PC12 cells were grown in suspension in the Roswell Park Memorial Institute (RPMI) 1640 medium supplemented with 10% horse serum (HS), 5% fetal bovine serum (FBS), 1% l-glutamine, 1% penicillin–streptomycin, and 0.2% amphotericin, in a humidified incubator at 37 °C containing 5% CO2 (medium and supplements were purchased from Biological Industries, Beit Haemek, Israel). To induce differentiation, cells were seeded on plates coated with collagen type 1 and incubated overnight in serum reduced medium (1% HS). Culture dish wash placed on magnet stand, and NGF-MNPs were added to the medium. For fluorescent visualization of localized cellular uptake, after 24 h of incubation, the cells were washed three times to remove excess particles and were observed by confocal microscopy. For the localized differentiation experiments, the cells were incubated with NGF-MNPs for four days.

2.4. Cell Viability Assay

The tetrazolium dye based assay, XTT (Biological Industries, Beit Haemek, Israel), was used for a quantitative assessment of the cell viability. 10,000 cells were seeded on 96-well plates and incubated with NGF-MNPs at concentrations ranging from 10–250 µg/mL. After 24 h XTT reaction solution was added to the wells and incubated for 5 h at 37 °C. Absorbance was measured at 450 nm (630 nm background) while using a spectrophotometer (BioTek Synergy 4, Winooski, VT, USA). The absorbance signal of the particles at the same tested concentrations was measured and subtracted from measurements.

2.5. In Vivo Experiments

All of the experimental procedures and methods were approved by the Animal Care Committee of Bar-Ilan University (approval number: 30042018) and were performed in accordance with the National Institutes of Health guidelines and regulations. Balb/c mice (n = 3 in each test group (MNPs IV + Magnet/MNPs IV/control)) were purchased from Envigo (Rehovot, Israel).
The mid-thigh incision method was used for harvesting the sciatic nerve. A small (~5.0 mm) vertical incision was made along the thigh using scissors and the skin was retracted laterally. The muscles of the posterior thigh were split to expose the sciatic nerve.

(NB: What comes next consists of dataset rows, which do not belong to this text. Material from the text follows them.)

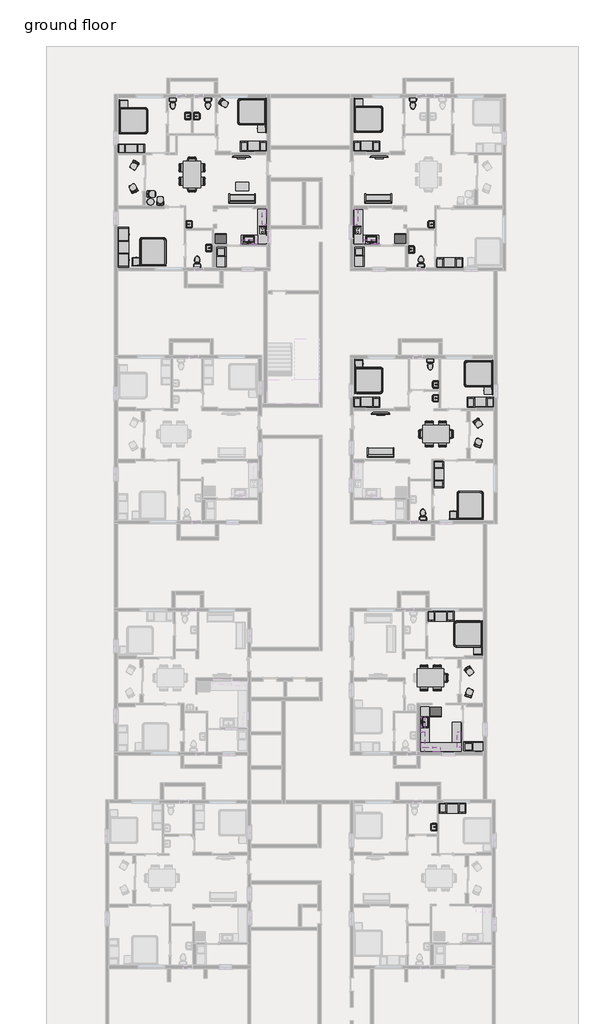
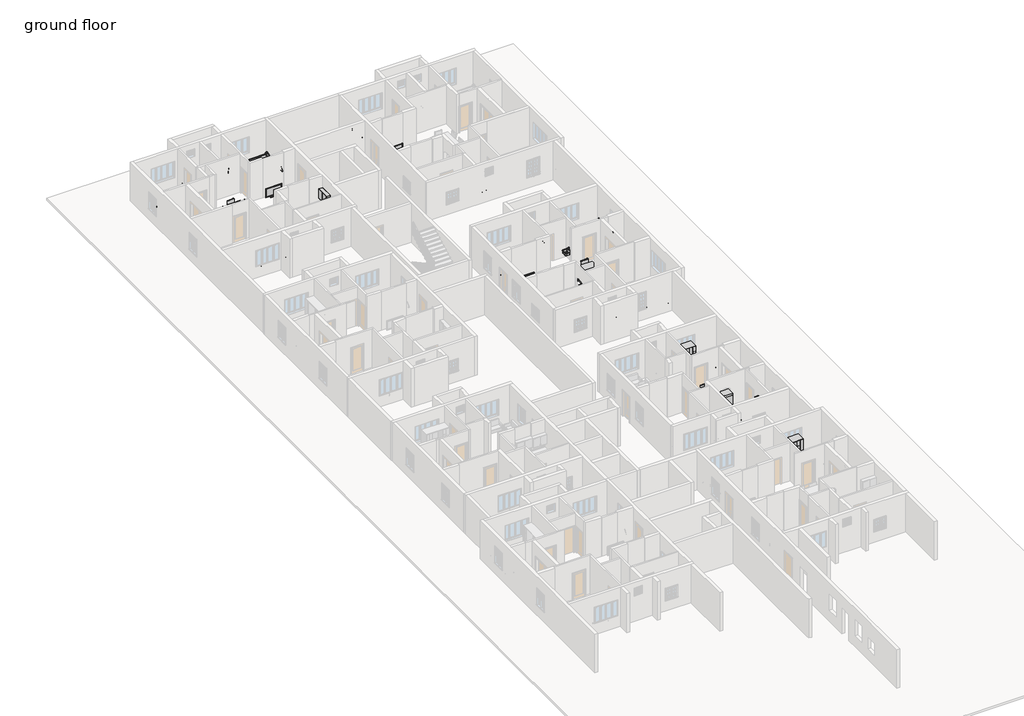
# One storey, part 13 of 16: 81 furniture elements, 19 flow terminals, 11 proxies.
"""IFC4 building model written with IfcOpenShell, lengths in millimetres."""

from ifc_helpers import new_model, si_unit, origin, place, context, project, spatial, transform, mapped, element, save
from components import proxy_84368fe0, proxy_40295e01, proxy_97c73763, proxy_19935bb1, proxy_76352e5b, proxy_1934c8a4, flow_terminal_4d548711, flow_terminal_3ac2e542, flow_terminal_8d9ea526, toilet_domestic_3d_toilet_domestic_3d_ba6479b0, toilet_domestic_3d_toilet_domestic_3d_30431060, bed_design_8999_bed_design_8999_9c973422, bed_design_8999_bed_design_8999_e911dec7, furniture_f87f75a4, furniture_a56de0b1, furniture_5ca60c7f, furniture_97fe820d, furniture_007fecef, chair_task_chair_task_b7f3823b, chair_task_arms_chair_task_arms_fa5a08ef, furniture_deb1c5d1, furniture_78fcf777, furniture_7591947b, furniture_03a15ce7, furniture_53e129a0, furniture_dd44345b, furniture_3d2ef6d7, furniture_88072bd9, furniture_1f19b6cd, furniture_eb3a3c23, furniture_4fdbbe14, furniture_57f9710a, furniture_0b81fedb, furniture_e479396c, furniture_0bcc43ae, furniture_9d41381f, furniture_9929ec1f, furniture_f73e1c42

model = new_model("IFC4")

# Units and contexts
model_context = context("Model", 3, world=origin())
ifc_project = project(units=[si_unit("LENGTHUNIT", "METRE", prefix="MILLI")], contexts=[model_context])

# Site, building, storey
site = spatial("IfcSite", under=ifc_project)
building = spatial("IfcBuilding", under=site)
storey = spatial("IfcBuildingStorey", under=building, Name="ground floor", Elevation=609.6)

# Proxies
placement = place(None, origin())
proxy_shape = proxy_84368fe0(model_context)
element("IfcBuildingElementProxy", 1, Name="Cook Top-2 Unit : 16\" x 22\"", ObjectType="Cook Top-2 Unit : 16\" x 22\"", at=placement, inside=storey, context=model_context, shape_type="MappedRepresentation", body=[
    mapped(proxy_shape, transform((53260.5312819, 41205.614288, 609.6), x_axis=(1.0, 0.0, 0.0), y_axis=(0.0, 1.0, 0.0), z_axis=(0.0, 0.0, 1.0))),
])
proxy_2_shape = proxy_40295e01(model_context)
element("IfcBuildingElementProxy", 2, Name="Cook Top-2 Unit : 16\" x 22\"", ObjectType="Cook Top-2 Unit : 16\" x 22\"", at=placement, inside=storey, context=model_context, shape_type="MappedRepresentation", body=[
    mapped(proxy_2_shape, transform((59966.1312819, 41205.614288, 609.6), x_axis=(-1.0, 0.0, 0.0), y_axis=(0.0, -1.0, 0.0), z_axis=(0.0, 0.0, 1.0))),
])
proxy_3_shape = proxy_97c73763(model_context)
element("IfcBuildingElementProxy", 3, Name="Dryer : 27\" x 25\" x 35\"", ObjectType="Dryer : 27\" x 25\" x 35\"", at=placement, inside=storey, context=model_context, shape_type="MappedRepresentation", body=[
    mapped(proxy_3_shape, transform((50190.0538966, 39449.1934981, 609.6), x_axis=(0.0, -1.0, 0.0), y_axis=(1.0, 0.0, 0.0), z_axis=(0.0, 0.0, 1.0))),
])
element("IfcBuildingElementProxy", 4, Name="Dryer : 27\" x 25\" x 35\"", ObjectType="Dryer : 27\" x 25\" x 35\"", at=placement, inside=storey, context=model_context, shape_type="MappedRepresentation", body=[
    mapped(proxy_3_shape, transform((59691.3278279, 39474.5934981, 609.6), x_axis=(0.0, -1.0, 0.0), y_axis=(1.0, 0.0, 0.0), z_axis=(0.0, 0.0, 1.0))),
])
element("IfcBuildingElementProxy", 5, Name="Dryer : 27\" x 25\" x 35\"", ObjectType="Dryer : 27\" x 25\" x 35\"", at=placement, inside=storey, context=model_context, shape_type="MappedRepresentation", body=[
    mapped(proxy_3_shape, transform((67812.0859463, 5399.7775766, 609.6), x_axis=(1.0, 0.0, 0.0), y_axis=(0.0, 1.0, 0.0), z_axis=(0.0, 0.0, 1.0))),
])
proxy_4_shape = proxy_19935bb1(model_context)
element("IfcBuildingElementProxy", 6, Name="Refrigerator-Built-in : 30\" x 24\" LH", ObjectType="Refrigerator-Built-in : 30\" x 24\" LH", at=placement, inside=storey, context=model_context, shape_type="MappedRepresentation", body=[
    mapped(proxy_4_shape, transform((65262.8133315, 8104.2496364, 609.6), x_axis=(1.0, 0.0, 0.0), y_axis=(0.0, 1.0, 0.0), z_axis=(0.0, 0.0, 1.0))),
])
proxy_5_shape = proxy_76352e5b(model_context)
element("IfcBuildingElementProxy", 7, Name="Refrigerator-Built-in : 30\" x 24\" LH", ObjectType="Refrigerator-Built-in : 30\" x 24\" LH", at=placement, inside=storey, context=model_context, shape_type="MappedRepresentation", body=[
    mapped(proxy_5_shape, transform((50460.1812819, 40629.665558, 609.6), x_axis=(1.0, 0.0, 0.0), y_axis=(0.0, 1.0, 0.0), z_axis=(0.0, 0.0, 1.0))),
])
element("IfcBuildingElementProxy", 8, Name="Refrigerator-Built-in : 30\" x 24\" LH", ObjectType="Refrigerator-Built-in : 30\" x 24\" LH", at=placement, inside=storey, context=model_context, shape_type="MappedRepresentation", body=[
    mapped(proxy_5_shape, transform((62806.2552131, 40629.665558, 609.6), x_axis=(1.0, 0.0, 0.0), y_axis=(0.0, 1.0, 0.0), z_axis=(0.0, 0.0, 1.0))),
])
proxy_6_shape = proxy_1934c8a4(model_context)
element("IfcBuildingElementProxy", 9, Name="Washer : 25\" x 25\" x 35\"", ObjectType="Washer : 25\" x 25\" x 35\"", at=placement, inside=storey, context=model_context, shape_type="MappedRepresentation", body=[
    mapped(proxy_6_shape, transform((50225.5653356, 40125.6235103, 609.6), x_axis=(0.0, -1.0, 0.0), y_axis=(1.0, 0.0, 0.0), z_axis=(0.0, 0.0, 1.0))),
])
element("IfcBuildingElementProxy", 10, Name="Washer : 25\" x 25\" x 35\"", ObjectType="Washer : 25\" x 25\" x 35\"", at=placement, inside=storey, context=model_context, shape_type="MappedRepresentation", body=[
    mapped(proxy_6_shape, transform((59726.8392669, 40151.0235103, 609.6), x_axis=(0.0, -1.0, 0.0), y_axis=(1.0, 0.0, 0.0), z_axis=(0.0, 0.0, 1.0))),
])
element("IfcBuildingElementProxy", 11, Name="Washer : 25\" x 25\" x 35\"", ObjectType="Washer : 25\" x 25\" x 35\"", at=placement, inside=storey, context=model_context, shape_type="MappedRepresentation", body=[
    mapped(proxy_6_shape, transform((67110.9973853, 5441.2075888, 609.6), x_axis=(1.0, 0.0, 0.0), y_axis=(0.0, 1.0, 0.0), z_axis=(0.0, 0.0, 1.0))),
])

# Flow terminals
flow_terminal_shape = flow_terminal_4d548711(model_context)
element("IfcFlowTerminal", 12, ObjectType="Sink Kitchen-Single : 30\" x 21\"", at=placement, inside=storey, context=model_context, shape_type="MappedRepresentation", body=[
    mapped(flow_terminal_shape, transform((52412.6205224, 40563.7497039, 609.6), x_axis=(-1.0, 0.0, 0.0), y_axis=(0.0, -1.0, 0.0), z_axis=(0.0, 0.0, 1.0))),
])
element("IfcFlowTerminal", 13, ObjectType="Sink Kitchen-Single : 30\" x 21\"", at=placement, inside=storey, context=model_context, shape_type="MappedRepresentation", body=[
    mapped(flow_terminal_shape, transform((64489.676683, 7368.8508246, 609.6), x_axis=(0.0, 1.0, 0.0), y_axis=(-1.0, 0.0, 0.0), z_axis=(0.0, 0.0, 1.0))),
])
flow_terminal_2_shape = flow_terminal_3ac2e542(model_context)
element("IfcFlowTerminal", 14, ObjectType="Sink Kitchen-Single : 30\" x 21\"", at=placement, inside=storey, context=model_context, shape_type="MappedRepresentation", body=[
    mapped(flow_terminal_2_shape, transform((60814.0420413, 40563.7497039, 609.6), x_axis=(1.0, 0.0, 0.0), y_axis=(0.0, 1.0, 0.0), z_axis=(0.0, 0.0, 1.0))),
])
flow_terminal_3_shape = flow_terminal_8d9ea526(model_context)
element("IfcFlowTerminal", 15, ObjectType="Sink Vanity-Square : 20\" x 18\"", at=placement, inside=storey, context=model_context, shape_type="MappedRepresentation", body=[
    mapped(flow_terminal_3_shape, transform((48234.5058086, 41623.6015966, 609.6), x_axis=(0.01205714691658211, 0.9999273099621953, 0.0), y_axis=(-0.9999273099621953, 0.01205714691658211, 0.0), z_axis=(0.0, 0.0, 1.0))),
])
element("IfcFlowTerminal", 16, ObjectType="Sink Vanity-Square : 20\" x 18\"", at=placement, inside=storey, context=model_context, shape_type="MappedRepresentation", body=[
    mapped(flow_terminal_3_shape, transform((49691.1133168, 40018.2935434, 609.6), x_axis=(0.0, -1.0, 0.0), y_axis=(1.0, 0.0, 0.0), z_axis=(0.0, 0.0, 1.0))),
])
element("IfcFlowTerminal", 17, ObjectType="Sink Vanity-Square : 20\" x 18\"", at=placement, inside=storey, context=model_context, shape_type="MappedRepresentation", body=[
    mapped(flow_terminal_3_shape, transform((48245.9195817, 49103.029965, 609.6), x_axis=(0.0, -1.0, 0.0), y_axis=(1.0, 0.0, 0.0), z_axis=(0.0, 0.0, 1.0))),
])
element("IfcFlowTerminal", 18, ObjectType="Sink Vanity-Square : 20\" x 18\"", at=placement, inside=storey, context=model_context, shape_type="MappedRepresentation", body=[
    mapped(flow_terminal_3_shape, transform((48755.0527323, 49063.0030585, 609.6), x_axis=(0.0, 1.0, 0.0), y_axis=(-1.0, 0.0, 0.0), z_axis=(0.0, 0.0, 1.0))),
])
element("IfcFlowTerminal", 19, ObjectType="Sink Vanity-Square : 20\" x 18\"", at=placement, inside=storey, context=model_context, shape_type="MappedRepresentation", body=[
    mapped(flow_terminal_3_shape, transform((64991.9370405, 41653.02877, 609.6), x_axis=(0.0, -1.0, 0.0), y_axis=(1.0, 0.0, 0.0), z_axis=(0.0, 0.0, 1.0))),
])
element("IfcFlowTerminal", 20, ObjectType="Sink Vanity-Square : 20\" x 18\"", at=placement, inside=storey, context=model_context, shape_type="MappedRepresentation", body=[
    mapped(flow_terminal_3_shape, transform((63532.9943061, 39880.7582649, 609.6), x_axis=(-0.012057146916551579, 0.9999273099621956, 0.0), y_axis=(-0.9999273099621956, -0.012057146916551579, 0.0), z_axis=(0.0, 0.0, 1.0))),
])
element("IfcFlowTerminal", 21, ObjectType="Sink Vanity-Square : 20\" x 18\"", at=placement, inside=storey, context=model_context, shape_type="MappedRepresentation", body=[
    mapped(flow_terminal_3_shape, transform((65297.7858807, 30630.1271371, 609.6), x_axis=(0.0, -1.0, 0.0), y_axis=(1.0, 0.0, 0.0), z_axis=(0.0, 0.0, 1.0))),
])
element("IfcFlowTerminal", 22, ObjectType="Sink Vanity-Square : 20\" x 18\"", at=placement, inside=storey, context=model_context, shape_type="MappedRepresentation", body=[
    mapped(flow_terminal_3_shape, transform((65297.7858807, 29682.8183877, 609.6), x_axis=(0.0, -1.0, 0.0), y_axis=(1.0, 0.0, 0.0), z_axis=(0.0, 0.0, 1.0))),
])
element("IfcFlowTerminal", 23, ObjectType="Sink Vanity-Square : 20\" x 18\"", at=placement, inside=storey, context=model_context, shape_type="MappedRepresentation", body=[
    mapped(flow_terminal_3_shape, transform((65183.4858807, 170.5278741, 609.6), x_axis=(0.0, -1.0, 0.0), y_axis=(1.0, 0.0, 0.0), z_axis=(0.0, 0.0, 1.0))),
])
toilet_domestic_3d_toilet_domestic_3d_shape = toilet_domestic_3d_toilet_domestic_3d_ba6479b0(model_context)
toilet_domestic_3d_toilet_domestic_3d_2_shape = toilet_domestic_3d_toilet_domestic_3d_30431060(model_context)
element("IfcFlowTerminal", 24, ObjectType="Toilet-Domestic-3D : Toilet-Domestic-3D", at=placement, inside=storey, context=model_context, shape_type="MappedRepresentation", body=[
    mapped(toilet_domestic_3d_toilet_domestic_3d_shape, transform((48837.5141396, 39156.8770141, 609.6), x_axis=(-1.0, 0.0, 0.0), y_axis=(0.0, -1.0, 0.0), z_axis=(0.0, 0.0, 1.0))),
    mapped(toilet_domestic_3d_toilet_domestic_3d_2_shape, transform((48837.5141396, 39156.8770141, 609.6), x_axis=(-1.0, 0.0, 0.0), y_axis=(0.0, -1.0, 0.0), z_axis=(0.0, 0.0, 1.0))),
])
element("IfcFlowTerminal", 25, ObjectType="Toilet-Domestic-3D : Toilet-Domestic-3D", at=placement, inside=storey, context=model_context, shape_type="MappedRepresentation", body=[
    mapped(toilet_domestic_3d_toilet_domestic_3d_shape, transform((49576.2011467, 49859.7430562, 609.6), x_axis=(1.0, 0.0, 0.0), y_axis=(0.0, 1.0, 0.0), z_axis=(0.0, 0.0, 1.0))),
    mapped(toilet_domestic_3d_toilet_domestic_3d_2_shape, transform((49576.2011467, 49859.7430562, 609.6), x_axis=(1.0, 0.0, 0.0), y_axis=(0.0, 1.0, 0.0), z_axis=(0.0, 0.0, 1.0))),
])
element("IfcFlowTerminal", 26, ObjectType="Toilet-Domestic-3D : Toilet-Domestic-3D", at=placement, inside=storey, context=model_context, shape_type="MappedRepresentation", body=[
    mapped(toilet_domestic_3d_toilet_domestic_3d_shape, transform((47154.8643084, 49859.7430562, 609.6), x_axis=(1.0, 0.0, 0.0), y_axis=(0.0, 1.0, 0.0), z_axis=(0.0, 0.0, 1.0))),
    mapped(toilet_domestic_3d_toilet_domestic_3d_2_shape, transform((47154.8643084, 49859.7430562, 609.6), x_axis=(1.0, 0.0, 0.0), y_axis=(0.0, 1.0, 0.0), z_axis=(0.0, 0.0, 1.0))),
])
element("IfcFlowTerminal", 27, ObjectType="Toilet-Domestic-3D : Toilet-Domestic-3D", at=placement, inside=storey, context=model_context, shape_type="MappedRepresentation", body=[
    mapped(toilet_domestic_3d_toilet_domestic_3d_shape, transform((63678.9871882, 49859.7430562, 609.6), x_axis=(1.0, 0.0, 0.0), y_axis=(0.0, 1.0, 0.0), z_axis=(0.0, 0.0, 1.0))),
    mapped(toilet_domestic_3d_toilet_domestic_3d_2_shape, transform((63678.9871882, 49859.7430562, 609.6), x_axis=(1.0, 0.0, 0.0), y_axis=(0.0, 1.0, 0.0), z_axis=(0.0, 0.0, 1.0))),
])
element("IfcFlowTerminal", 28, ObjectType="Toilet-Domestic-3D : Toilet-Domestic-3D", at=placement, inside=storey, context=model_context, shape_type="MappedRepresentation", body=[
    mapped(toilet_domestic_3d_toilet_domestic_3d_shape, transform((64239.5976633, 39156.8770141, 609.6), x_axis=(-1.0, 0.0, 0.0), y_axis=(0.0, -1.0, 0.0), z_axis=(0.0, 0.0, 1.0))),
    mapped(toilet_domestic_3d_toilet_domestic_3d_2_shape, transform((64239.5976633, 39156.8770141, 609.6), x_axis=(-1.0, 0.0, 0.0), y_axis=(0.0, -1.0, 0.0), z_axis=(0.0, 0.0, 1.0))),
])
element("IfcFlowTerminal", 29, ObjectType="Toilet-Domestic-3D : Toilet-Domestic-3D", at=placement, inside=storey, context=model_context, shape_type="MappedRepresentation", body=[
    mapped(toilet_domestic_3d_toilet_domestic_3d_shape, transform((64874.6812819, 31905.6690378, 609.6), x_axis=(1.0, 0.0, 0.0), y_axis=(0.0, 1.0, 0.0), z_axis=(0.0, 0.0, 1.0))),
    mapped(toilet_domestic_3d_toilet_domestic_3d_2_shape, transform((64874.6812819, 31905.6690378, 609.6), x_axis=(1.0, 0.0, 0.0), y_axis=(0.0, 1.0, 0.0), z_axis=(0.0, 0.0, 1.0))),
])
element("IfcFlowTerminal", 30, ObjectType="Toilet-Domestic-3D : Toilet-Domestic-3D", at=placement, inside=storey, context=model_context, shape_type="MappedRepresentation", body=[
    mapped(toilet_domestic_3d_toilet_domestic_3d_shape, transform((64368.0652737, 21744.4610925, 609.6), x_axis=(-1.0, 0.0, 0.0), y_axis=(0.0, -1.0, 0.0), z_axis=(0.0, 0.0, 1.0))),
    mapped(toilet_domestic_3d_toilet_domestic_3d_2_shape, transform((64368.0652737, 21744.4610925, 609.6), x_axis=(-1.0, 0.0, 0.0), y_axis=(0.0, -1.0, 0.0), z_axis=(0.0, 0.0, 1.0))),
])

# Furniture
bed_design_8999_bed_design_8999_shape = bed_design_8999_bed_design_8999_9c973422(model_context)
bed_design_8999_bed_design_8999_2_shape = bed_design_8999_bed_design_8999_e911dec7(model_context)
element("IfcFurniture", 31, ObjectType="BED_DESIGN_8999 : BED_DESIGN_8999", at=placement, inside=storey, context=model_context, shape_type="MappedRepresentation", body=[
    mapped(bed_design_8999_bed_design_8999_shape, transform((45592.726243, 40719.5817487, 609.6), x_axis=(-1.0, 0.0, 0.0), y_axis=(0.0, -1.0, 0.0), z_axis=(0.0, 0.0, 1.0))),
    mapped(bed_design_8999_bed_design_8999_2_shape, transform((45592.726243, 40719.5817487, 609.6), x_axis=(-1.0, 0.0, 0.0), y_axis=(0.0, -1.0, 0.0), z_axis=(0.0, 0.0, 1.0))),
])
element("IfcFurniture", 32, ObjectType="BED_DESIGN_8999 : BED_DESIGN_8999", at=placement, inside=storey, context=model_context, shape_type="MappedRepresentation", body=[
    mapped(bed_design_8999_bed_design_8999_shape, transform((45422.4680531, 48968.4210279, 609.6), x_axis=(0.0, 1.0, 0.0), y_axis=(-1.0, 0.0, 0.0), z_axis=(0.0, 0.0, 1.0))),
    mapped(bed_design_8999_bed_design_8999_2_shape, transform((45422.4680531, 48968.4210279, 609.6), x_axis=(0.0, 1.0, 0.0), y_axis=(-1.0, 0.0, 0.0), z_axis=(0.0, 0.0, 1.0))),
])
element("IfcFurniture", 33, ObjectType="BED_DESIGN_8999 : BED_DESIGN_8999", at=placement, inside=storey, context=model_context, shape_type="MappedRepresentation", body=[
    mapped(bed_design_8999_bed_design_8999_shape, transform((51628.3064817, 49188.0273256, 609.6), x_axis=(0.0, -1.0, 0.0), y_axis=(1.0, 0.0, 0.0), z_axis=(0.0, 0.0, 1.0))),
    mapped(bed_design_8999_bed_design_8999_2_shape, transform((51628.3064817, 49188.0273256, 609.6), x_axis=(0.0, -1.0, 0.0), y_axis=(1.0, 0.0, 0.0), z_axis=(0.0, 0.0, 1.0))),
])
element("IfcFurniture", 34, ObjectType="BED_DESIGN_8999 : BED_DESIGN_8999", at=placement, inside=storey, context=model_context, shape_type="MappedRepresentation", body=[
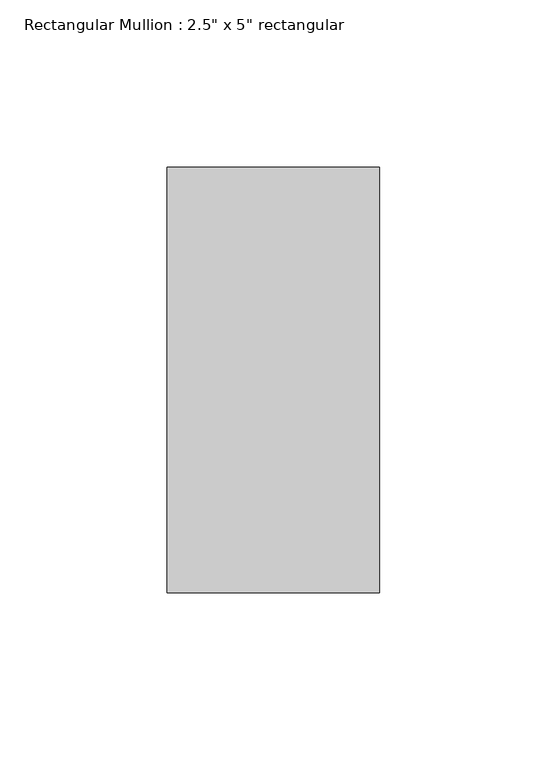
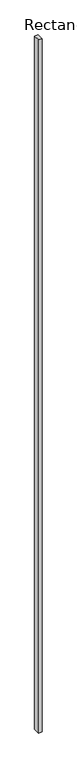
"""IFC4 building model written with IfcOpenShell, lengths in millimetres: member geometry."""

from ifc_helpers import new_model, si_unit, frame, origin, place, context, project, spatial, polyline, outline, extrude, source, transform, mapped, element, save


def member_9867d003(model_context):
    return source(origin(), model_context, "Body", "SweptSolid", [
        extrude(outline(polyline([(0.0, 63.5), (0.0, -63.5), (-63.5, -63.5), (-63.5, 63.5), (0.0, 63.5)])), frame((0.0, 0.0, -13691.4471497), z_axis=(0.0, 0.0, 1.0), x_axis=(1.0, 0.0, 0.0)), (0.0, 0.0, 1.0), 13691.4471497),
    ])


if __name__ == "__main__":
    model = new_model("IFC4")
    model_context = context("Model", 3, world=origin())
    ifc_project = project(units=[si_unit("LENGTHUNIT", "METRE", prefix="MILLI")], contexts=[model_context])
    site = spatial("IfcSite", under=ifc_project)
    building = spatial("IfcBuilding", under=site)
    placement = place(None, origin())
    member_shape = member_9867d003(model_context)
    element("IfcMember", 1, ObjectType="Rectangular Mullion : 2.5\" x 5\" rectangular", at=placement, inside=building, context=model_context, shape_type="MappedRepresentation", body=[
        mapped(member_shape, transform((0.0, 0.0, 0.0), x_axis=(1.0, 0.0, 0.0), y_axis=(0.0, 1.0, 0.0), z_axis=(0.0, 0.0, 1.0))),
    ])
    save(model, "model.ifc")

# Revit data of these elements
# Type "Rectangular Mullion : 2.5\" x 5\" rectangular"
#   built-in parameter 1007304 = 0.416667 (stored number, unit not read)
#   built-in parameter 1007301 = 0.104167 (stored number, unit not read)
#   built-in parameter 1007300 = 0.104167 (stored number, unit not read)
# Element 1 (IfcMember, "Rectangular Mullion : 2.5\" x 5\" rectangular")
#   Materials on its faces: "Aluminum"
# Materials
#   "Aluminum": class "Metal", colour RGB 247 247 247, transparency 0, Description = "Aluminum 6061", Cost = 0

The nerve was gently lifted using a non-magnetic forceps. 10 µL of magnetic particles (4 mg/mL, dispersed in sodium bicarbonate buffer (0.84% in DDW, Ph = 8.3)), were injected while using U 100 Insulin Syringe. Magnetic tip (1 Tesla) was placed above the sciatic nerve ~0.5 cm from injection site. After five minutes, the sciatic nerve was extracted and transferred into a solution of PFA + Sucrose (4%). The magnet that was used in the experiment was composed of a magnetic tip placed on top of a cylindrical magnet. The magnetic tip was made from Hiperco 50A to ASTM A801 type 1, shaped as truncated cone with 18 mm base and 0.5 mm tip with total height of 18 mm. The cylindrical magnet (Metal Suppliers Online LLC, Hampstead, NH, USA) is axially magnetized, made of NdFeB N50, coated with nickel cooper nickel, with 18 mm in diameter and length of 18 mm.
In i.v. injection experiments, balb/c mice were i.v. injected with NGF-MNPs (4 mg/mL, 100 µL for each mouse). A cylindrical magnet (0.5 Tesla) was placed near right eye for 30 min. At the end of the experimental period the mice were given a lethal dose of pentobarbitone (170 mg/kg). Their eyes were enucleated, and the retinas were detached and extracted into a solution of PBS. For the bio-distribution profile, six organs (kidney, liver, spleen, brain, lungs, and eye) were extracted from all test groups immediately after magnetic treatment. For histology, the organs were extracted 18 days after MNPs injection. Tissue samples were embedded in paraffin block and were cut using a microtome to 3 µm sections. For H&E staining the samples were deparaffinized, rehydrated, and immersed in H&E stain. Then, the sections were dehydrated and mounted on slides.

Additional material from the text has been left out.